My Disco swung the pendulum about as far to the other side of the spectrum as possible. As their career has progressed, their music has evolved into a minimalist experiment in texture and impact. They stood silent and still for minutes before the first doom-laden explosion tested the PA's limits. Notes were sparse and an avant-garde aesthetic was omnipresent through their set as the guitar sounded more like a modem in a wood-chipper than a traditional distorted rock instrument. It was a dramatic and intense set that maintained the audience's attention and did serve to build the musical tension in the room before METZ arrived to release it — but ultimately My Disco felt like the artful ugly duckling and a mismatch on this particular bill.

METZ came on like a dropped match in a fireworks factory after the stark austerity that preceded them. They're a perfectly balanced trio, the sum strength of its punk rock parts. Over an hour they barely let up, with sweat-soaked shirts, fogged-up glasses and neck veins bulging.
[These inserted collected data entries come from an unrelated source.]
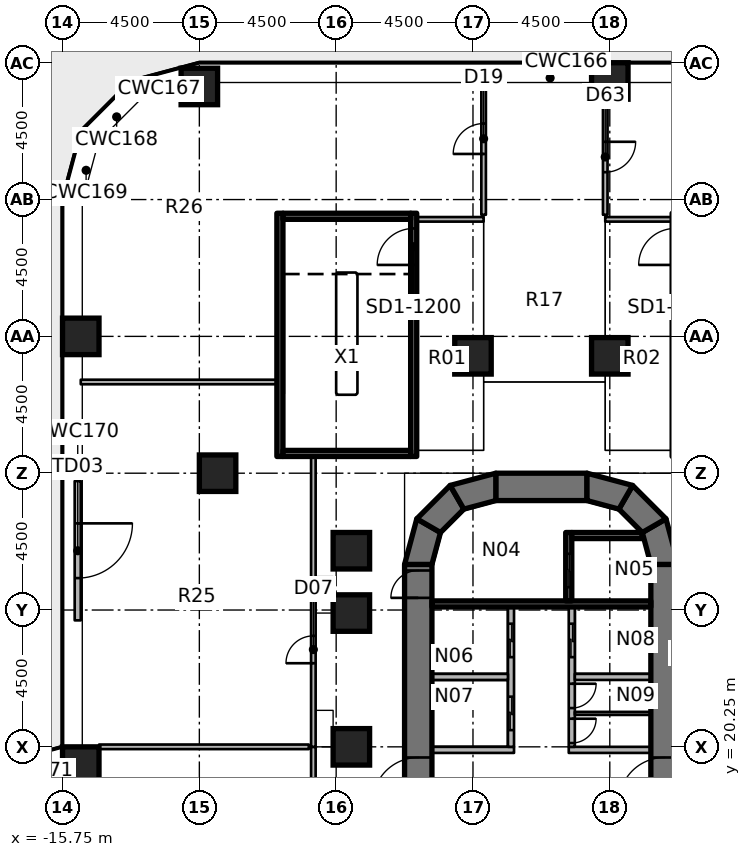
"""IFC4 building model, lengths in metres.
Left out: names, types, materials, properties, quantities, classifications, styles, units other than length and angle.
Written with IfcOpenShell. Run it as: python <this file> out.ifc"""

import sys

from ifc_helpers import new_model, si_unit, direction, frame, frame_2d, origin, origin_2d, place, context, subcontext, project, spatial, polyline, rectangle, outline, extrude, element, fill, save


model = new_model("IFC4")
c1 = context("Model", 3, precision=1e-05, world=origin(), true_north=direction((0.0, 1.0)))
c2 = subcontext(c1, "Body", "Model", "MODEL_VIEW")
j1 = project(units=[si_unit("LENGTHUNIT", "METRE"), si_unit("PLANEANGLEUNIT", "RADIAN")], contexts=[c1])
p1 = place(None, origin())
s1 = spatial("IfcSite", under=j1, at=p1, CompositionType="ELEMENT")
p2 = place(p1, origin())
s2 = spatial("IfcBuilding", under=s1, at=p2, CompositionType="ELEMENT")
p3 = place(p2, frame((0.0, 0.0, 17.0)))
s3 = spatial("IfcBuildingStorey", under=s2, at=p3, CompositionType="ELEMENT", Elevation=17.0)
for number, where, z_axis, x_axis in (
    (1, (-15.15, 19.65, 0.0), (0.0, 0.0, 1.0), (1.0, 0.0, 0.0)),
    (2, (-15.15, 33.75, 0.0), (0.0, 0.0, 1.0), (1.0, 0.0, 0.0)),
    (3, (-10.65, 29.25, 0.0), (0.0, 0.0, 1.0), (1.0, 0.0, 0.0)),
    (4, (-11.25, 41.97, 0.0), (0.0, 0.0, 1.0), (1.0, 0.0, 0.0)),
    (5, (-6.25, 20.25, 0.0), (0.0, 0.0, 1.0), (1.0, 0.0, 0.0)),
    (6, (-6.25, 24.65, 0.0), (0.0, 0.0, 1.0), (1.0, 0.0, 0.0)),
    (7, (-6.25, 26.7, 0.0), (0.0, 0.0, 1.0), (1.0, 0.0, 0.0)),
    (8, (-2.25, 33.11, 0.0), (0.0, 0.0, 1.0), (1.0, 0.0, 0.0)),
    (9, (2.25, 33.11, 0.0), (0.0, 0.0, 1.0), (1.0, 0.0, 0.0)),
    (10, (2.25, 42.15, 0.0), (0.0, 0.0, 1.0), (1.0, 0.0, 0.0)),
):
    element("IfcColumn", number, at=place(p3, frame(where, z_axis=z_axis, x_axis=x_axis)), inside=s3, PredefinedType="COLUMN", context=c2, shape_type="SweptSolid", body=[
        extrude(rectangle(XDim=1.2, YDim=1.2, at=origin_2d()), origin(), (0.0, 0.0, 1.0), 4.55),
    ])
p4 = place(p3, frame((-4.05, 11.25, 0.0), z_axis=(0.0, 0.0, 1.0), x_axis=(0.0, 1.0, 0.0)))
e11 = element("IfcWall", 11, at=p4, inside=s3, PredefinedType="SHEAR", context=c2, shape_type="SweptSolid", body=[
    extrude(rectangle(XDim=15.0, YDim=0.9, at=frame_2d((7.5, 0.0))), origin(), (0.0, 0.0, 1.0), 5.0),
])
p5 = place(p4, frame((7.15, 0.0, 0.0)))
e12 = element("IfcOpeningElement", 12, at=p5, cuts=e11, PredefinedType="OPENING", context=c2, shape_type="SweptSolid", body=[
    extrude(rectangle(XDim=1.5, YDim=2.3, at=frame_2d((0.75, 1.15))), frame((0.0, 0.46, 0.0), z_axis=(0.0, -1.0, 0.0), x_axis=(1.0, 0.0, 0.0)), (0.0, 0.0, 1.0), 0.92),
])
p6 = place(p4, frame((13.9, 0.0, 0.0)))
e13 = element("IfcOpeningElement", 13, at=p6, cuts=e11, PredefinedType="OPENING", context=c2, shape_type="SweptSolid", body=[
    extrude(rectangle(XDim=0.9, YDim=2.1, at=frame_2d((0.45, 1.05))), frame((0.0, 0.46, 0.0), z_axis=(0.0, -1.0, 0.0), x_axis=(1.0, 0.0, 0.0)), (0.0, 0.0, 1.0), 0.92),
])
p7 = place(p4, frame((1.15, 0.0, 0.0)))
e14 = element("IfcOpeningElement", 14, at=p7, cuts=e11, PredefinedType="OPENING", context=c2, shape_type="SweptSolid", body=[
    extrude(rectangle(XDim=1.2, YDim=2.1, at=frame_2d((0.6, 1.05))), frame((0.0, 0.46, 0.0), z_axis=(0.0, -1.0, 0.0), x_axis=(1.0, 0.0, 0.0)), (0.0, 0.0, 1.0), 0.92),
])
p8 = place(p3, frame((4.05, 11.25, 0.0), z_axis=(0.0, 0.0, 1.0), x_axis=(0.0, 1.0, 0.0)))
e15 = element("IfcWall", 15, at=p8, inside=s3, PredefinedType="SHEAR", context=c2, shape_type="SweptSolid", body=[
    extrude(rectangle(XDim=15.0, YDim=0.9, at=frame_2d((7.5, 0.0))), origin(), (0.0, 0.0, 1.0), 5.0),
])
p9 = place(p8, frame((7.15, 0.0, 0.0)))
e16 = element("IfcOpeningElement", 16, at=p9, cuts=e15, PredefinedType="OPENING", context=c2, shape_type="SweptSolid", body=[
    extrude(rectangle(XDim=1.5, YDim=2.3, at=frame_2d((0.75, 1.15))), frame((0.0, 0.46, 0.0), z_axis=(0.0, -1.0, 0.0), x_axis=(1.0, 0.0, 0.0)), (0.0, 0.0, 1.0), 0.92),
])
p10 = place(p8, frame((5.55, 0.0, 0.0)))
e17 = element("IfcOpeningElement", 17, at=p10, cuts=e15, PredefinedType="OPENING", context=c2, shape_type="SweptSolid", body=[
    extrude(rectangle(XDim=1.2, YDim=2.1, at=frame_2d((0.6, 1.05))), frame((0.0, 0.46, 0.0), z_axis=(0.0, -1.0, 0.0), x_axis=(1.0, 0.0, 0.0)), (0.0, 0.0, 1.0), 0.92),
])
p11 = place(p3, frame((-1.5, 28.8, 0.0), z_axis=(0.0, 0.0, 1.0), x_axis=(1.0, 0.0, 0.0)))
e18 = element("IfcWall", 18, at=p11, inside=s3, PredefinedType="SHEAR", context=c2, shape_type="SweptSolid", body=[
    extrude(rectangle(XDim=3.0, YDim=0.9, at=frame_2d((1.5, 0.0))), origin(), (0.0, 0.0, 1.0), 5.0),
])
p12 = place(p3, origin())
e19 = element("IfcWall", 19, at=p12, inside=s3, PredefinedType="SHEAR", context=c2, shape_type="SweptSolid", body=[
    extrude(outline(polyline([(-4.5, 26.25), (-4.098, 27.75), (-3.319, 27.3), (-3.6, 26.25), (-4.5, 26.25)])), origin(), (0.0, 0.0, 1.0), 5.0),
])
p13 = place(p3, origin())
e20 = element("IfcWall", 20, at=p13, inside=s3, PredefinedType="SHEAR", context=c2, shape_type="SweptSolid", body=[
    extrude(outline(polyline([(-4.098, 27.75), (-3.0, 28.848), (-2.55, 28.069), (-3.319, 27.3), (-4.098, 27.75)])), origin(), (0.0, 0.0, 1.0), 5.0),
])
p14 = place(p3, origin())
e21 = element("IfcWall", 21, at=p14, inside=s3, PredefinedType="SHEAR", context=c2, shape_type="SweptSolid", body=[
    extrude(outline(polyline([(-3.0, 28.848), (-1.5, 29.25), (-1.5, 28.35), (-2.55, 28.069), (-3.0, 28.848)])), origin(), (0.0, 0.0, 1.0), 5.0),
])
p15 = place(p3, origin())
e22 = element("IfcWall", 22, at=p15, inside=s3, PredefinedType="SHEAR", context=c2, shape_type="SweptSolid", body=[
    extrude(outline(polyline([(4.5, 26.25), (4.098, 27.75), (3.319, 27.3), (3.6, 26.25), (4.5, 26.25)])), origin(), (0.0, 0.0, 1.0), 5.0),
])
p16 = place(p3, origin())
e23 = element("IfcWall", 23, at=p16, inside=s3, PredefinedType="SHEAR", context=c2, shape_type="SweptSolid", body=[
    extrude(outline(polyline([(4.098, 27.75), (3.0, 28.848), (2.55, 28.069), (3.319, 27.3), (4.098, 27.75)])), origin(), (0.0, 0.0, 1.0), 5.0),
])
p17 = place(p3, origin())
e24 = element("IfcWall", 24, at=p17, inside=s3, PredefinedType="SHEAR", context=c2, shape_type="SweptSolid", body=[
    extrude(outline(polyline([(3.0, 28.848), (1.5, 29.25), (1.5, 28.35), (2.55, 28.069), (3.0, 28.848)])), origin(), (0.0, 0.0, 1.0), 5.0),
])
p18 = place(p3, frame((-15.25, 28.99, 0.0), z_axis=(0.0, 0.0, 1.0), x_axis=(0.0, -1.0, 0.0)))
e25 = element("IfcWall", 25, at=p18, inside=s3, PredefinedType="SOLIDWALL", context=c2, shape_type="SweptSolid", body=[
    extrude(rectangle(XDim=4.58, YDim=0.2, at=frame_2d((2.29, 0.0))), origin(), (0.0, 0.0, 1.0), 4.55),
])
p19 = place(p18, frame((1.39, 0.0, 0.0)))
e26 = element("IfcOpeningElement", 26, at=p19, cuts=e25, PredefinedType="OPENING", context=c2, shape_type="SweptSolid", body=[
    extrude(rectangle(XDim=1.8, YDim=2.4, at=frame_2d((0.9, 1.2))), frame((0.0, 0.11, 0.0), z_axis=(0.0, -1.0, 0.0), x_axis=(1.0, 0.0, 0.0)), (0.0, 0.0, 1.0), 0.22),
])
p20 = place(p3, frame((-3.6, 24.95, 0.0), z_axis=(0.0, 0.0, 1.0), x_axis=(1.0, 0.0, 0.0)))
e27 = element("IfcWall", 27, at=p20, inside=s3, PredefinedType="SHEAR", context=c2, shape_type="SweptSolid", body=[
    extrude(rectangle(XDim=7.2, YDim=0.2, at=frame_2d((3.6, 0.0))), origin(), (0.0, 0.0, 1.0), 4.55),
])
p21 = place(p3, frame((0.9, 27.3, 0.0), z_axis=(0.0, 0.0, 1.0), x_axis=(0.0, -1.0, 0.0)))
e28 = element("IfcWall", 28, at=p21, inside=s3, PredefinedType="SHEAR", context=c2, shape_type="SweptSolid", body=[
    extrude(rectangle(XDim=2.25, YDim=0.2, at=frame_2d((1.125, 0.0))), origin(), (0.0, 0.0, 1.0), 4.55),
])
p22 = place(p21, frame((0.7, 0.0, 0.0)))
e29 = element("IfcOpeningElement", 29, at=p22, cuts=e28, PredefinedType="OPENING", context=c2, shape_type="SweptSolid", body=[
    extrude(rectangle(XDim=1.1, YDim=2.3, at=frame_2d((0.55, 1.15))), frame((0.0, 0.11, 0.0), z_axis=(0.0, -1.0, 0.0), x_axis=(1.0, 0.0, 0.0)), (0.0, 0.0, 1.0), 0.22),
])
p23 = place(p3, origin())
e30 = element("IfcWall", 30, at=p23, inside=s3, PredefinedType="SHEAR", context=c2, shape_type="SweptSolid", body=[
    extrude(outline(polyline([(1.0, 27.1), (3.341, 27.1), (3.291, 27.284), (3.275, 27.3), (1.0, 27.3), (1.0, 27.1)])), origin(), (0.0, 0.0, 1.0), 4.55),
])
p24 = place(p3, frame((-3.6, 20.15, 0.0), z_axis=(0.0, 0.0, 1.0), x_axis=(1.0, 0.0, 0.0)))
e31 = element("IfcWall", 31, at=p24, inside=s3, PredefinedType="PARTITIONING", context=c2, shape_type="SweptSolid", body=[
    extrude(rectangle(XDim=2.7, YDim=0.2, at=frame_2d((1.35, 0.0))), origin(), (0.0, 0.0, 1.0), 4.55),
])
p25 = place(p3, frame((-1.0, 24.85, 0.0), z_axis=(0.0, 0.0, 1.0), x_axis=(0.0, -1.0, 0.0)))
e32 = element("IfcWall", 32, at=p25, inside=s3, PredefinedType="PARTITIONING", context=c2, shape_type="SweptSolid", body=[
    extrude(rectangle(XDim=4.6, YDim=0.2, at=frame_2d((2.3, 0.0))), origin(), (0.0, 0.0, 1.0), 4.55),
])
p26 = place(p25, frame((0.55, 0.0, 0.0)))
e33 = element("IfcOpeningElement", 33, at=p26, cuts=e32, PredefinedType="OPENING", context=c2, shape_type="SweptSolid", body=[
    extrude(rectangle(XDim=1.1, YDim=2.3, at=frame_2d((0.55, 1.15))), frame((0.0, 0.11, 0.0), z_axis=(0.0, -1.0, 0.0), x_axis=(1.0, 0.0, 0.0)), (0.0, 0.0, 1.0), 0.22),
])
p27 = place(p25, frame((2.95, 0.0, 0.0)))
e34 = element("IfcOpeningElement", 34, at=p27, cuts=e32, PredefinedType="OPENING", context=c2, shape_type="SweptSolid", body=[
    extrude(rectangle(XDim=1.1, YDim=2.3, at=frame_2d((0.55, 1.15))), frame((0.0, 0.11, 0.0), z_axis=(0.0, -1.0, 0.0), x_axis=(1.0, 0.0, 0.0)), (0.0, 0.0, 1.0), 0.22),
])
p28 = place(p3, frame((0.9, 20.15, 0.0), z_axis=(0.0, 0.0, 1.0), x_axis=(1.0, 0.0, 0.0)))
e35 = element("IfcWall", 35, at=p28, inside=s3, PredefinedType="PARTITIONING", context=c2, shape_type="SweptSolid", body=[
    extrude(rectangle(XDim=2.7, YDim=0.2, at=frame_2d((1.35, 0.0))), origin(), (0.0, 0.0, 1.0), 4.55),
])
p29 = place(p3, frame((1.0, 24.85, 0.0), z_axis=(0.0, 0.0, 1.0), x_axis=(0.0, -1.0, 0.0)))
e36 = element("IfcWall", 36, at=p29, inside=s3, PredefinedType="PARTITIONING", context=c2, shape_type="SweptSolid", body=[
    extrude(rectangle(XDim=4.6, YDim=0.2, at=frame_2d((2.3, 0.0))), origin(), (0.0, 0.0, 1.0), 4.55),
])
p30 = place(p29, frame((0.55, 0.0, 0.0)))
e37 = element("IfcOpeningElement", 37, at=p30, cuts=e36, PredefinedType="OPENING", context=c2, shape_type="SweptSolid", body=[
    extrude(rectangle(XDim=1.1, YDim=2.3, at=frame_2d((0.55, 1.15))), frame((0.0, 0.11, 0.0), z_axis=(0.0, -1.0, 0.0), x_axis=(1.0, 0.0, 0.0)), (0.0, 0.0, 1.0), 0.22),
])
p31 = place(p29, frame((2.525, 0.0, 0.0)))
e38 = element("IfcOpeningElement", 38, at=p31, cuts=e36, PredefinedType="OPENING", context=c2, shape_type="SweptSolid", body=[
    extrude(rectangle(XDim=0.8, YDim=2.1, at=frame_2d((0.4, 1.05))), frame((0.0, 0.11, 0.0), z_axis=(0.0, -1.0, 0.0), x_axis=(1.0, 0.0, 0.0)), (0.0, 0.0, 1.0), 0.22),
])
p32 = place(p29, frame((3.675, 0.0, 0.0)))
e39 = element("IfcOpeningElement", 39, at=p32, cuts=e36, PredefinedType="OPENING", context=c2, shape_type="SweptSolid", body=[
    extrude(rectangle(XDim=0.8, YDim=2.1, at=frame_2d((0.4, 1.05))), frame((0.0, 0.11, 0.0), z_axis=(0.0, -1.0, 0.0), x_axis=(1.0, 0.0, 0.0)), (0.0, 0.0, 1.0), 0.22),
])
for number, where, z_axis, x_axis in (
    (40, (-3.6, 22.55, 0.0), (0.0, 0.0, 1.0), (1.0, 0.0, 0.0)),
    (41, (1.1, 22.55, 0.0), (0.0, 0.0, 1.0), (1.0, 0.0, 0.0)),
):
    element("IfcWall", number, at=place(p3, frame(where, z_axis=z_axis, x_axis=x_axis)), inside=s3, PredefinedType="PARTITIONING", context=c2, shape_type="SweptSolid", body=[
        extrude(rectangle(XDim=2.5, YDim=0.2, at=frame_2d((1.25, 0.0))), origin(), (0.0, 0.0, 1.0), 4.55),
    ])
p33 = place(p3, frame((1.1, 21.35, 0.0), z_axis=(0.0, 0.0, 1.0), x_axis=(1.0, 0.0, 0.0)))
e42 = element("IfcWall", 42, at=p33, inside=s3, PredefinedType="PARTITIONING", context=c2, shape_type="SweptSolid", body=[
    extrude(rectangle(XDim=2.5, YDim=0.1, at=frame_2d((1.25, 0.0))), origin(), (0.0, 0.0, 1.0), 4.55),
])
p34 = place(p3, frame((-8.6, 29.8, 0.0), z_axis=(0.0, 0.0, 1.0), x_axis=(0.0, 1.0, 0.0)))
e43 = element("IfcWall", 43, at=p34, inside=s3, PredefinedType="SHEAR", context=c2, shape_type="SweptSolid", body=[
    extrude(rectangle(XDim=8.0, YDim=0.2, at=frame_2d((4.0, 0.0))), origin(), (0.0, 0.0, 1.0), 4.55),
])
p35 = place(p3, frame((-4.2, 29.8, 0.0), z_axis=(0.0, 0.0, 1.0), x_axis=(0.0, 1.0, 0.0)))
e44 = element("IfcWall", 44, at=p35, inside=s3, PredefinedType="SHEAR", context=c2, shape_type="SweptSolid", body=[
    extrude(rectangle(XDim=8.0, YDim=0.2, at=frame_2d((4.0, 0.0))), origin(), (0.0, 0.0, 1.0), 4.55),
])
p36 = place(p35, frame((6.3, 0.0, 0.0)))
e45 = element("IfcOpeningElement", 45, at=p36, cuts=e44, PredefinedType="OPENING", context=c2, shape_type="SweptSolid", body=[
    extrude(rectangle(XDim=1.2, YDim=2.1, at=frame_2d((0.6, 1.05))), frame((0.0, 0.11, 0.0), z_axis=(0.0, -1.0, 0.0), x_axis=(1.0, 0.0, 0.0)), (0.0, 0.0, 1.0), 0.22),
])
for number, where, z_axis, x_axis in (
    (46, (-8.5, 29.9, 0.0), (0.0, 0.0, 1.0), (1.0, 0.0, 0.0)),
    (47, (-8.5, 37.7, 0.0), (0.0, 0.0, 1.0), (1.0, 0.0, 0.0)),
):
    element("IfcWall", number, at=place(p3, frame(where, z_axis=z_axis, x_axis=x_axis)), inside=s3, PredefinedType="SHEAR", context=c2, shape_type="SweptSolid", body=[
        extrude(rectangle(XDim=4.2, YDim=0.2, at=frame_2d((2.1, 0.0))), origin(), (0.0, 0.0, 1.0), 4.55),
    ])
p37 = place(p3, frame((-4.1, 37.6, 0.0), z_axis=(0.0, 0.0, 1.0), x_axis=(1.0, 0.0, 0.0)))
e48 = element("IfcWall", 48, at=p37, inside=s3, PredefinedType="PARTITIONING", context=c2, shape_type="SweptSolid", body=[
    extrude(rectangle(XDim=2.2, YDim=0.15, at=frame_2d((1.1, 0.0))), origin(), (0.0, 0.0, 1.0), 4.55),
])
p38 = place(p3, frame((2.1, 37.6, 0.0), z_axis=(0.0, 0.0, 1.0), x_axis=(1.0, 0.0, 0.0)))
e49 = element("IfcWall", 49, at=p38, inside=s3, PredefinedType="PARTITIONING", context=c2, shape_type="SweptSolid", body=[
    extrude(rectangle(XDim=2.2, YDim=0.15, at=frame_2d((1.1, 0.0))), origin(), (0.0, 0.0, 1.0), 4.55),
])
p39 = place(p3, frame((-7.5, 8.25, 0.0), z_axis=(0.0, 0.0, 1.0), x_axis=(0.0, 1.0, 0.0)))
e50 = element("IfcWall", 50, at=p39, inside=s3, PredefinedType="PARTITIONING", context=c2, shape_type="SweptSolid", body=[
    extrude(rectangle(XDim=12.0, YDim=0.15, at=frame_2d((6.0, 0.0))), origin(), (0.0, 0.0, 1.0), 4.55),
])
p40 = place(p39, frame((3.5, 0.0, 0.0)))
e51 = element("IfcOpeningElement", 51, at=p40, cuts=e50, PredefinedType="OPENING", context=c2, shape_type="SweptSolid", body=[
    extrude(rectangle(XDim=1.0, YDim=2.1, at=frame_2d((0.5, 1.05))), frame((0.0, 0.085, 0.0), z_axis=(0.0, -1.0, 0.0), x_axis=(1.0, 0.0, 0.0)), (0.0, 0.0, 1.0), 0.17),
])
p41 = place(p3, frame((-7.5, 20.25, 0.0), z_axis=(0.0, 0.0, 1.0), x_axis=(0.0, 1.0, 0.0)))
e52 = element("IfcWall", 52, at=p41, inside=s3, PredefinedType="PARTITIONING", context=c2, shape_type="SweptSolid", body=[
    extrude(rectangle(XDim=9.75, YDim=0.15, at=frame_2d((4.875, 0.0))), origin(), (0.0, 0.0, 1.0), 4.55),
])
p42 = place(p41, frame((2.75, 0.0, 0.0)))
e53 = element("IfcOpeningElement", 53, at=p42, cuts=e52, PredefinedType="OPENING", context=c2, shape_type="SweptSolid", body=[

They unleashed wave after wave of primal military grade rhythms that were pummelling yet still with a measure of groove, that had the more energetic punters engaged in a loose-limbed middle ground between dancing and moshing. Spit You Out, Headache, a new song Eraser and so many others surged and thrashed like a mutant Nirvana, Jesus Lizard and Big Black hybrid. METZ laid sonic waste to the mid-week malaise and renewed faith in the power of raw and passionate rock'n'roll.